Contributions in strand one will be 15 min. each. They will be grouped in sessions according to the type of tactic they examine, the type of locations they require and the type of action they imply. Between contributions there will be plenty of time for informal discussions while moving from one venue to the other.


Strand two encourages submissions that present open questions and (so far) unfulfilled wishes regarding the how, where, with whom and with what means of engaging tactics. This session is designed to provide space for discussing work in progress, to develop ideas and to open up possible future collaborations. It seeks to be a laboratory for engaging tactics still in the making. The session/sessions of strand two will be held in collaboration with Goldsmiths’ Methods Lab and Curating Sociology course, convened by Dr. Nirmal Puwar, as well as with invited artists and curators working in the field of socially engaged art practices.

Presentations in strand two will be of 5 min. each followed by Q/A and discussion with other participants.


For contribution under strand one, please send us your title, 250-word abstract, preferred location (or type of location) and any relevant specification regarding technical or any other requirements together with your name, department and university (or organisation). For submissions under strand two, please send us a working title and 250-word abstract together with your name, department and university (or organisation)

/////// Please send all submissions to: engagingtactics [at]
/////// Deadline for all submissions is Friday, March 9th, 2012.

Curating Sociology

extracts from Nirmal Puwar and Sanjay Sharma, “Curating Sociology – Sociological Mutations”, forthcoming in Sociological Review, 2012.

“Curating Sociology points to how sociology can engage with the academy and beyond by turning to and deploying cross-disciplinary collaborative and engaging in a creative knowledge practices – as drama, event, exhibitions, installations, film production and music performance for instance.” […]

“It should become apparent that Curating Sociology does not envision the researcher simply mimicking the role of the curator.
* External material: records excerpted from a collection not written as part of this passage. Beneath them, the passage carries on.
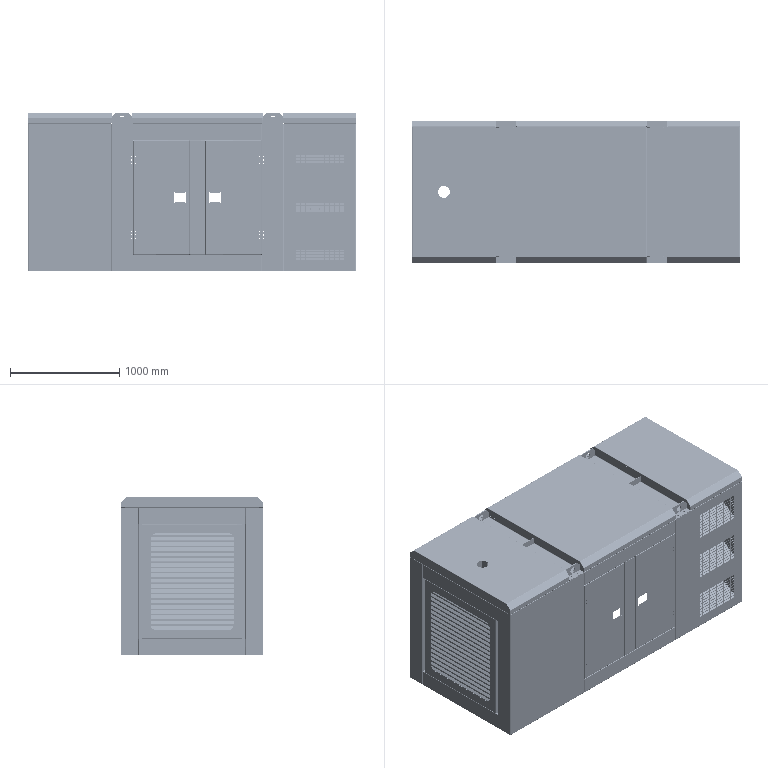Assembly | SolidWorks | mm | 126 component files | 130 solids | 11955 faces | box 3000 x 1300 x 1450 mm | volume 58582287 mm3 | plane 6546 | cylinder 5009 | spline 244 | cone 156 | commonest cylinder face diameters 6 x2539 10 x690 5 x576 8 x305 4 x293 9 x192 16 x116 7 x114
Bill of materials:
AirInletUpperBeam | 1 | Plain Carbon Steel | Rectangular panel with short bent flanges at the edges. A large grid of rectangular, rounded-corner slots sits in two equal side-by-side fields.
AirInletUpperBeamBaffle | 1 |  | Long prism-shaped shell with a vertical rear wall, two end walls and a sloped front face. The end profile is a right trapezoid.
AirInletVent | 1 | Plain Carbon Steel | Large rectangular panel with four fields of rectangular slots in a 2x2 layout. Narrow side flanges carry round holes.
AirInletVentBaffle | 2 |  | Long prism-shaped shell like unnamed part but with different proportions: rear wall, two end walls and a sloped front face.
Door | 4 | Plain Carbon Steel | Thin, flat rectangular plate with one rectangular cutout near one long edge and two groups of small oblong holes along the opposite long edge.
DoorStiffener | 8 | Plain Carbon Steel | Long straight channel with a C/U cross-section: a web and two parallel flanges with rounded bends.
BreakerDoor | 1 | Plain Carbon Steel | Thin, almost square flat plate. It has a central rounded-rectangle cutout, a rectangular cutout with slotted ends near one side, and four oblong slots along the opposite edge.
ElectricalCabinet | 1 | Plain Carbon Steel | Hat-section cover: a U-shaped box (face plus two side walls) with outward mounting flanges along both open edges. A horizontal obround slot runs through the face.
ElectricalCabinetBaffle | 1 | Plain Carbon Steel | Rectangular flat strip with a short bent lip at one end (L-profile). It has two round holes near the other end and one cylindrical boss or pin on the face.
CableClamp | 4 | Plain Carbon Steel | Thick U-shaped bracket or strap with a flat base, two parallel legs and radiused inner and outer bends.
ControlPanel | 1 | Plain Carbon Steel | Thin, flat rectangular plate with a large rectangular window, a narrow rectangular cutout with slotted ends, a row of three round holes, and four oblong slots along one edge.
ElectricalCabinetDoor | 1 | Plain Carbon Steel | Thin, flat rectangular plate with a large rounded-rectangle window near one end, a vertical obround slot, and four small slots along one long edge.
ElectricalCabinetDoorStiffener | 1 | Plain Carbon Steel | Long, straight C-channel profile of uniform thin wall. It has a flat web and two parallel flanges with rounded bends. No holes are visible.
ExhaustVent | 1 | Plain Carbon Steel | Square, thin frame-like plate with a large central opening shaped as a square with rounded corners. Narrow flanges or offset strips run along its edges, with small holes or slots spaced along two opposite edges.
Louver | 19 | Plain Carbon Steel | Long, narrow, thin strip bent along its length. In the end profile, a short straight leg joins a longer leg at an obtuse angle through a rounded bend.
FrontBeam | 2 | Plain Carbon Steel | Long, shallow, rectangular open tray or box section made of thin wall. A flat base has upturned walls on all four sides. Elongated slots are spaced along both long walls, and there are two slots in each end wall.
FrontSidePanel | 2 | Plain Carbon Steel | Large, flat, rectangular thin panel with a narrow return flange along one long edge and an L-shaped flange or lip along one end. Small holes run along the return flange, and slots are in the end flange.
FrontSidePanelReinforcementHorizontalRib | 2 |  | Long, straight L-angle profile of thin uniform wall. Two legs of about equal length meet at a rounded 90 degree bend. No holes are visible.
FrontSidePanelReinforcementVerticalRib | 2 |  | Long, slender L-angle profile with a rounded 90 degree bend. A single row of small holes runs along one leg.
hex nuts-style normal-grades ab gb | 12 |  | Hexagonal nut-like body with a central round through-bore. The hex corners are chamfered on both faces, which gives curved edges on the side faces.
FrontTopCover | 1 | Plain Carbon Steel | Large, rectangular thin cover plate with one round hole set off-center. A downturned flange with angled corner transitions runs along one edge, and a narrow flange with small holes and a return lip runs along an adjacent edge.
FrontTopCoverStiffener | 1 |  | Long, slender L-angle strip with a rounded 90 degree bend. Four elongated slots are evenly spaced along one leg.
HangingChannel | 2 | Plain Carbon Steel | Long U-channel or trough with a flat base, two tall parallel side walls and rounded bends. The ends of the side walls are cut at an angle. Small holes run along both side walls, and larger holes sit near each end of the base.
HangingChannelStiffener | 2 |  | Flat rectangular plate of uniform thickness. The two corners on one long edge are rounded, and the other two corners are square. No holes are visible.
LiftingLug | 4 | Plain Carbon Steel | Flat plate of constant thickness. Its outline has a straight bottom edge, two vertical sides and two angled (chamfered) upper corners. It has one large central round through-hole and a small rounded notch cut into the middle of the bottom edge.
HingeColumn | 4 | Plain Carbon Steel | Long, narrow formed sheet part. The end-on view shows a shallow U-shaped channel with a short outward-turned flange on one side. The base carries two obround slots at each end, and small hole groups appear along the side flange.
LiftingBasePlate | 8 | Plain Carbon Steel | Flat rectangular plate of uniform thickness with two obround through-slots, one near each end. Two corners are rounded and the opposite two are square.
LiftingVerticalBeam | 4 | Plain Carbon Steel | Long, straight, thin-walled U-channel with rounded inside and outside bends and a constant cross-section. No holes are visible.
LiftingVerticalBeamStiffener | 12 | Plain Carbon Steel | Plain flat rectangular plate of uniform thickness. Two corners on one long edge are rounded and there are no holes.
LongitudinalStiffeningChannelSteel | 2 | Plain Carbon Steel | Long, shallow, open-top tray or channel with low side walls and closed end walls. Each end wall has two obround slots.
MiddleBeam | 4 | Plain Carbon Steel | Long formed sheet beam. The end profile is a deep vertical web with a short return flange at the bottom and an offset upturned lip along the top. The top lip has a gap in the middle with two small slots, and the ends have bent tabs with two obround slots each.
MiddleColumn | 2 | Plain Carbon Steel | Long formed sheet profile shaped like a hat (top-hat). The section is a U-channel with outward flanges at both rims. The base has two obround slots at each end, and small holes are visible along one side.
MiddleTopCover | 1 | Plain Carbon Steel | Large, almost square flat panel with shallow formed edges on two opposite sides. The end view shows short angled bends that turn down into vertical lips, with a small return at one end. A row of small holes runs along one formed edge.
TopCoverStiffener | 2 | Plain Carbon Steel | Very long, slender C-shaped (lipless channel) profile with a rounded-corner rectangular section open on one side. No holes are visible.
RearLeftSidePlate | 1 | Plain Carbon Steel | L-shaped bent sheet panel. The large face has three rectangular grid arrays of small rectangular perforations, and the face meets a narrower side flange at a right-angle bend. Short edge returns and small holes or obround slots are present along the edges.
RearLeftSidePlateAirInletBaffle | 3 | Plain Carbon Steel | Thin sheet part with an open-box form: a back wall, two triangular or trapezoidal end walls, and a sloped base face. In the side view the profile tapers to a point. There are no holes or cutouts.
RearRightSidePanelVerticalRib1 | 1 | Plain Carbon Steel | Long, slender L-section angle strip that looks like bent sheet, with a rounded inside bend and three small holes evenly spaced along one leg.
RearRightSidePlate | 1 | Plain Carbon Steel | Flat rectangular panel that looks like bent sheet, with a large rectangular window cutout. It has one large round hole surrounded by four small holes near a top corner and a row of four round holes below the window. Its edges are folded into perimeter flanges, including a deeper flange down one long side, and the flanges carry small holes and oblong slots.
RearRightSidePlateDoorHorizontalRib | 2 | Plain Carbon Steel | Long narrow strip that looks like bent sheet: a flat top web with one long edge bent down into a flange. The web extends past the flange at both ends, forming end tabs or notches.
RearRightSidePlateDoorVerticalRib2 | 1 | Plain Carbon Steel | Long, slender L-section angle strip that looks like bent sheet, with a rounded inside bend and three small holes evenly spaced along one leg.
RearTopCover | 1 | Plain Carbon Steel | Shallow rectangular plate or cover with a flat top face and short side walls or flanges. The corners at both short ends are chamfered at an angle.
Mates:
1. coincident | FrontSidePlateAssembly-1/FrontSidePanel-1 face at (-416.713, -34.451, 675.478) dir (0, 0, -1) | FrontSidePlateAssembly-2/FrontSidePanel-1 face at (-416.713, 1223.549, 675.478) dir (0, 0, -1)
2. coincident | FrontSidePlateAssembly-1/FrontSidePanel-1 face at (-420.713, 123.549, 2025.478) dir (-1, 0, 0) | FrontSidePlateAssembly-2/FrontSidePanel-1 face at (-420.713, 1103.549, 675.478) dir (-1, 0, 0)
3. distance | FrontSidePlateAssembly-1/FrontSidePanel-1 face at (-420.713, -36.451, 2025.478) dir (0, -1, 0) | FrontSidePlateAssembly-2/FrontSidePanel-1 face at (-420.713, 1263.549, 675.478) dir (0, 1, 0)
4. coincident | FrontSidePlateAssembly-1/FrontSidePanel-1 face at (-420.713, -36.451, 2025.478) dir (0, -1, 0) | HingeColumn-1 face at (339.287, -36.451, 2025.478) dir (0, -1, 0)
5. coincident | FrontSidePlateAssembly-1/FrontSidePanel-1 face at (-416.713, -34.451, 675.478) dir (0, 0, -1) | HingeColumn-1 face at (343.287, -34.451, 675.478) dir (0, 0, -1)
6. coincident | FrontSidePlateAssembly-1/FrontSidePanel-1 face at (339.287, -36.451, 2025.478) dir (1, 0, 0) | HingeColumn-1 face at (339.287, 13.549, 2025.478) dir (-1, 0, 0)
7. coincident | HingeColumn-1 face at (343.287, -34.451, 675.478) dir (0, 0, -1) | MiddleBeam-1 face at (539.287, -36.451, 675.478) dir (0, 0, -1)
8. coincident | HingeColumn-1 face at (339.287, -36.451, 2025.478) dir (0, -1, 0) | MiddleBeam-1 face at (539.287, -36.451, 825.478) dir (0, -1, 0)
9. coincident | HingeColumn-1 face at (539.287, -36.451, 2025.478) dir (1, 0, 0) | MiddleBeam-1 face at (539.287, 3.549, 825.478) dir (-1, 0, 0)
10. coincident | MiddleBeam-1 face at (539.287, -36.451, 675.478) dir (0, 0, -1) | HingeColumn-2 face at (1915.287, 13.549, 675.478) dir (0, 0, -1)
11. coincident | MiddleBeam-1 face at (539.287, -36.451, 825.478) dir (0, -1, 0) | HingeColumn-2 face at (1919.287, -36.451, 675.478) dir (0, -1, 0)
12. coincident | MiddleBeam-1 face at (1719.287, 3.549, 825.478) dir (1, 0, 0) | HingeColumn-2 face at (1719.287, -36.451, 675.478) dir (-1, 0, 0)
13. coincident | HingeColumn-1 face at (539.287, -36.451, 2025.478) dir (1, 0, 0) | MiddleBeam-2 face at (539.287, 3.549, 1875.478) dir (-1, 0, 0)
14. coincident | HingeColumn-1 face at (339.287, -36.451, 2025.478) dir (0, -1, 0) | MiddleBeam-2 face at (1719.287, -36.451, 1875.478) dir (0, -1, 0)
15. coincident | HingeColumn-1 face at (343.287, 13.549, 2025.478) dir (0, 0, 1) | MiddleBeam-2 face at (1719.287, -36.451, 2025.478) dir (0, 0, 1)
16. coincident | MiddleBeam-1 face at (539.287, 3.549, 825.478) dir (0, 0, 1) | MiddleColumn-1 face at (1059.287, -34.451, 825.478) dir (0, 0, -1)
17. coincident | MiddleBeam-1 face at (539.287, -36.451, 825.478) dir (0, -1, 0) | MiddleColumn-1 face at (1059.287, -36.451, 1875.478) dir (0, -1, 0)
18. distance | HingeColumn-1 face at (539.287, -36.451, 2025.478) dir (1, 0, 0) | MiddleColumn-1 face at (1059.287, -34.451, 825.478) dir (-1, 0, 0)
19. coincident | HingeColumn-1 face at (339.287, -36.451, 2025.478) dir (0, -1, 0) | DoorAssembly-1/Door-1 face at (541.787, -36.451, 1872.978) dir (0, -1, 0)
20. distance | MiddleBeam-1 face at (539.287, 3.549, 825.478) dir (0, 0, 1) | DoorAssembly-1/Door-1 face at (541.787, -34.451, 827.978) dir (0, 0, -1)
21. distance | MiddleColumn-1 face at (1059.287, -34.451, 825.478) dir (-1, 0, 0) | DoorAssembly-1/Door-1 face at (1056.787, -34.451, 827.978) dir (1, 0, 0)
22. coincident | HingeColumn-2 face at (1919.287, -36.451, 675.478) dir (0, -1, 0) | DoorAssembly-2/Door-1 face at (1716.787, -36.451, 827.978) dir (0, -1, 0)
23. distance | HingeColumn-2 face at (1719.287, -36.451, 675.478) dir (-1, 0, 0) | DoorAssembly-2/Door-1 face at (1716.787, -34.451, 1872.978) dir (1, 0, 0)
24. distance | MiddleBeam-1 face at (539.287, 3.549, 825.478) dir (0, 0, 1) | DoorAssembly-2/Door-1 face at (1716.787, -34.451, 827.978) dir (0, 0, -1)
25. coincident | HingeColumn-2 face at (1915.287, 13.549, 677.478) dir (0, 0, 1) | LiftingVerticalBeamAssembly-1/LiftingBasePlate-2 face at (1753.287, -29.451, 677.478) dir (0, 0, -1)
26. coincident | HingeColumn-2 face at (1919.287, -34.451, 675.478) dir (0, 1, 0) | LiftingVerticalBeamAssembly-1/LiftingVerticalBeam-1 face at (1749.287, -34.451, 2022.478) dir (0, -1, 0)
27. distance | HingeColumn-2 face at (1919.287, 13.549, 675.478) dir (1, 0, 0) | LiftingVerticalBeamAssembly-1/LiftingVerticalBeam-1 face at (1889.287, -34.451, 2022.478) dir (1, 0, 0)
28. coincident | HingeColumn-1 face at (343.287, -34.451, 677.478) dir (0, 0, 1) | LiftingVerticalBeamAssembly-2/LiftingBasePlate-2 face at (373.287, -29.451, 677.478) dir (0, 0, -1)
29. coincident | HingeColumn-1 face at (339.287, -34.451, 2025.478) dir (0, 1, 0) | LiftingVerticalBeamAssembly-2/LiftingVerticalBeam-1 face at (369.287, -34.451, 2022.478) dir (0, -1, 0)
30. distance | HingeColumn-1 face at (339.287, 13.549, 2025.478) dir (-1, 0, 0) | LiftingVerticalBeamAssembly-2/LiftingVerticalBeam-1 face at (369.287, 19.549, 2022.478) dir (-1, 0, 0)
31. coincident | FrontSidePlateAssembly-1/FrontSidePanel-1 face at (-420.713, 123.549, 2025.478) dir (-1, 0, 0) | FrontBeam-1 face at (-420.713, 123.549, 675.478) dir (-1, 0, 0)
32. coincident | FrontSidePlateAssembly-1/FrontSidePanel-1 face at (-380.713, 123.549, 2025.478) dir (0, 1, 0) | FrontBeam-1 face at (-418.713, 123.549, 675.478) dir (0, -1, 0)
33. coincident | FrontSidePlateAssembly-2/FrontSidePanel-1 face at (-380.713, 1107.549, 675.478) dir (0, 0, -1) | FrontBeam-1 face at (-418.713, 123.549, 675.478) dir (0, 0, -1)
34. coincident | FrontSidePlateAssembly-1/FrontSidePanel-1 face at (-420.713, 123.549, 2025.478) dir (-1, 0, 0) | FrontBeam-2 face at (-420.713, 123.549, 1875.478) dir (-1, 0, 0)
35. coincident | FrontSidePlateAssembly-1/FrontSidePanel-1 face at (-380.713, 123.549, 2025.478) dir (0, 1, 0) | FrontBeam-2 face at (-418.713, 123.549, 1875.478) dir (0, -1, 0)
36. coincident | FrontSidePlateAssembly-1/FrontSidePanel-1 face at (-380.713, 119.549, 2025.478) dir (0, 0, 1) | FrontBeam-2 face at (-418.713, 123.549, 2025.478) dir (0, 0, 1)
37. coincident | FrontSidePlateAssembly-1/FrontSidePanel-1 face at (-420.713, 123.549, 2025.478) dir (-1, 0, 0) | ExhaustVentAssembly-1/ExhaustVent-1 face at (-420.713, 153.549, 1875.478) dir (-1, 0, 0)
38. coincident | FrontBeam-1 face at (-418.713, 123.549, 825.478) dir (0, 0, 1) | ExhaustVentAssembly-1/ExhaustVent-1 face at (-380.713, 153.549, 825.478) dir (0, 0, -1)
39. distance | FrontSidePlateAssembly-1/FrontSidePanel-1 face at (-380.713, 123.549, 2025.478) dir (0, 1, 0) | ExhaustVentAssembly-1/ExhaustVent-1 face at (-380.713, 153.549, 1875.478) dir (0, -1, 0)
40. coincident | MiddleColumn-3 face at (1199.287, 1263.549, 1875.478) dir (0, 1, 0) | DoorAssembly-4/Door-1 face at (541.787, 1263.549, 827.978) dir (0, 1, 0)
41. distance | HingeColumn-5 face at (539.287, 1263.549, 675.478) dir (1, 0, 0) | DoorAssembly-4/Door-1 face at (541.787, 1261.549, 1872.978) dir (-1, 0, 0)
42. distance | MiddleBeam-6 face at (1719.287, 1223.549, 825.478) dir (0, 0, 1) | DoorAssembly-4/Door-1 face at (541.787, 1261.549, 827.978) dir (0, 0, -1)
43. coincident | MiddleColumn-3 face at (1199.287, 1263.549, 1875.478) dir (0, 1, 0) | DoorAssembly-5/Door-1 face at (1716.787, 1263.549, 1872.978) dir (0, 1, 0)
44. distance | HingeColumn-6 face at (1719.287, 1263.549, 2025.478) dir (-1, 0, 0) | DoorAssembly-5/Door-1 face at (1716.787, 1261.549, 827.978) dir (1, 0, 0)
45. distance | MiddleBeam-5 face at (539.287, 1223.549, 1875.478) dir (0, 0, -1) | DoorAssembly-5/Door-1 face at (1716.787, 1261.549, 1872.978) dir (0, 0, 1)
46. coincident | HingeColumn-6 face at (1915.287, 1213.549, 2025.478) dir (0, 0, 1) | RearRightSidePlateAssembly-1/RearRightSidePlate-1 face at (1923.287, 1261.549, 2025.478) dir (0, 0, 1)
47. coincident | HingeColumn-6 face at (1919.287, 1263.549, 2025.478) dir (0, 1, 0) | RearRightSidePlateAssembly-1/RearRightSidePlate-1 face at (1919.287, 1263.549, 675.478) dir (0, 1, 0)
48. coincident | HingeColumn-6 face at (1919.287, 1213.549, 2025.478) dir (1, 0, 0) | RearRightSidePlateAssembly-1/RearRightSidePlate-1 face at (1919.287, 1263.549, 675.478) dir (-1, 0, 0)
49. coincident | HingeColumn-2 face at (1919.287, -36.451, 675.478) dir (0, -1, 0) | RearLeftSidePlateAssembly-2/RearLeftSidePlate-1 face at (1919.287, -36.451, 2025.478) dir (0, -1, 0)
50. coincident | HingeColumn-2 face at (1915.287, -34.451, 2025.478) dir (0, 0, 1) | RearLeftSidePlateAssembly-2/RearLeftSidePlate-1 face at (1923.287, 3.549, 2025.478) dir (0, 0, 1)
51. coincident | HingeColumn-2 face at (1919.287, 13.549, 675.478) dir (1, 0, 0) | RearLeftSidePlateAssembly-2/RearLeftSidePlate-1 face at (1919.287, -36.451, 2025.478) dir (-1, 0, 0)
52. coincident | RearLeftSidePlateAssembly-2/RearLeftSidePlate-1 face at (2539.287, -32.451, 2025.478) dir (0, 0, 1) | AirInletUpperBeamAssembly-1/AirInletUpperBeam-1 face at (2577.287, 1103.549, 2025.478) dir (0, 0, 1)
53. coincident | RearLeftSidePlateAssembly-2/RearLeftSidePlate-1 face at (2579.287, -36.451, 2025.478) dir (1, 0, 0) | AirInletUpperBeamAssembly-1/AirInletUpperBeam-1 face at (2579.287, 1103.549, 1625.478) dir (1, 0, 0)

Rather, the intention is to adapt some of the recent practices of the curator, and grasp ‘curating as a research process’ (Wells 2007) that embraces creativity and experimentation in the production of public knowledge. O’Neill maintains that curating can involve processual participatory activities, engendering ‘new practices, new meanings, values and relations between things’ (2010: 6). Curating Sociology therefore cannot be reduced to a set of research techniques or methods. Rather, it can be a methodological commitment to collaborative knowledge production for public interventions.”